Fig 1.
We show the activity of a single user during one week of his life. From the top to the bottom panel we show the activity of calls (red), texts (green), movement (purple), and social proximity (blue). A daily pattern and a tendency for bursts can be noticed in the series, but further structure is not immediately visible. In the following we will discover the precise interactions between the different activities and use the emerging patterns to put upper bounds on the predictability of the future whereabouts of an individual.
Fig 2.
(A) We visualize the task of predicting future activity based on a four dimensional time series of length Δth. Each time bin has a width of 15 minutes and 0/1 represents activity/inactivity. The probability of activity at t = tf may be determined from the statistics of similar predictive patterns in the data set. For example, the particular predictive pattern shown here has a 45% probability of activity of the mobility type at tf = 30 min. (B) The data set needs a certain size in order to make accurate probability estimates. Here we show the informedness of the predictions at tf = 15 min based on a predictive pattern of length Δth = 45 min and varying data set sizes. Full convergence is obtained around 107 predictive patterns, which means that the data set is sufficiently large for this task. (C) Using the full data set, we then make predictions for tf = 15 min and vary the length of the predictive pattern. By increasing the memory, we also increase the informedness of our predictions, which is clear from the connected markers. The disconnected markers at Δth = 60 min and Δth = 75 min are limited by statistics, meaning that the true upper bound on informedness is not obtained. (D) We then fix the length of the predictive patterns to Δth = 45 min and vary tf. The lines represent the population average of the informedness for predictions that are based on individual activity patterns. The ‘x’ and ‘+’ markers represent the population average of the informedness for predictions that are based on common activity patterns. The common patterns almost explain the full information of the individual patterns, which tells us that the activity patterns are general within our population. (E) We expand the population average in terms of individual data sets for the case of movement and tf = 30 min (second predictive pattern from left, purple line, previous figure). The horizontal axis shows the informedness of predictions based on individual predictive patterns, while the vertical axis shows the informedness of predictions based on general predictive patterns. Both measures vary across individuals, but they do so in almost perfect agreement.
Fig 3.
We show the informedness of our predictions regarding future activity of the respective activity types: call (A), text (B), movement (C), and proximity (D). The horizontal axis shows the reach of the predictions into the future in minutes. The informedness of predictions from three different models are presented. “Nonparametric” (squares) is the label for the nonparametric model that was also presented in Fig 2, here using a history length of Δth = 45 min. “Inertia” (discs) is a simple model which assumes that the future continues in the same state as the current one. We see that the near future predictions of movement and proximity is dominated by this information. “Linear” (triangles) labels the predictions of a generalized linear model. Note that the informedness of the linear model almost matches the upper bound represented by the nonparametric model.
Fig 4.
In (A)-(C) we show the increase in activity triggered by respectively calling, movement, and social proximity. The horizontal axis spans 24 hours backward and forward in time and the vertical axis gives the factor of increased activity on a logarithmic scale. For example, the purple line in (A) tells us that movement is enhanced by a factor 2 at the time of a call and significantly increased for several hours after. More generally, all activity types are subject to self-enhancement effects, and significant cross-correlations are observed for all combinations of activities.
Fig 5.
Convergence of informedness with the size of the data set.

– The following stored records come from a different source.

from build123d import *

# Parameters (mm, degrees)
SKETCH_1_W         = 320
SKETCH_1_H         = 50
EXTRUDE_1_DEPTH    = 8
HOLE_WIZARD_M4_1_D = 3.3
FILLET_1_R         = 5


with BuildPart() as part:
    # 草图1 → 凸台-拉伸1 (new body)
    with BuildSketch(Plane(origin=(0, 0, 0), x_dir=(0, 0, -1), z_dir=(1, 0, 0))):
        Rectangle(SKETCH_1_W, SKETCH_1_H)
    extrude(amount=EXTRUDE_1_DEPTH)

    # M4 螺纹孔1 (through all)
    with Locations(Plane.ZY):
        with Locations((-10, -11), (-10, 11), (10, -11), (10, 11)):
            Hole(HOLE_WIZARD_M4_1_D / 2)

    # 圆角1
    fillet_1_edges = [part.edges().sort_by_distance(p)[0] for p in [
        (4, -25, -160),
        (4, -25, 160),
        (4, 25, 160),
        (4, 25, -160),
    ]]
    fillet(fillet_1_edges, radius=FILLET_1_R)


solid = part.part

We show the cases of 60 minute histories (A) and 75 minute histories (B). Note that full convergence is not reached within the full size of the data set.
Fig 6.
In (A)-(C) we show the probability of activity conditioned on respectively a call, movement, and social proximity at Δt = 0. Also shown are reference activities (dashed), which takes into account the circadian correlations. The horizontal axis spans 24 hours backward and forward in time.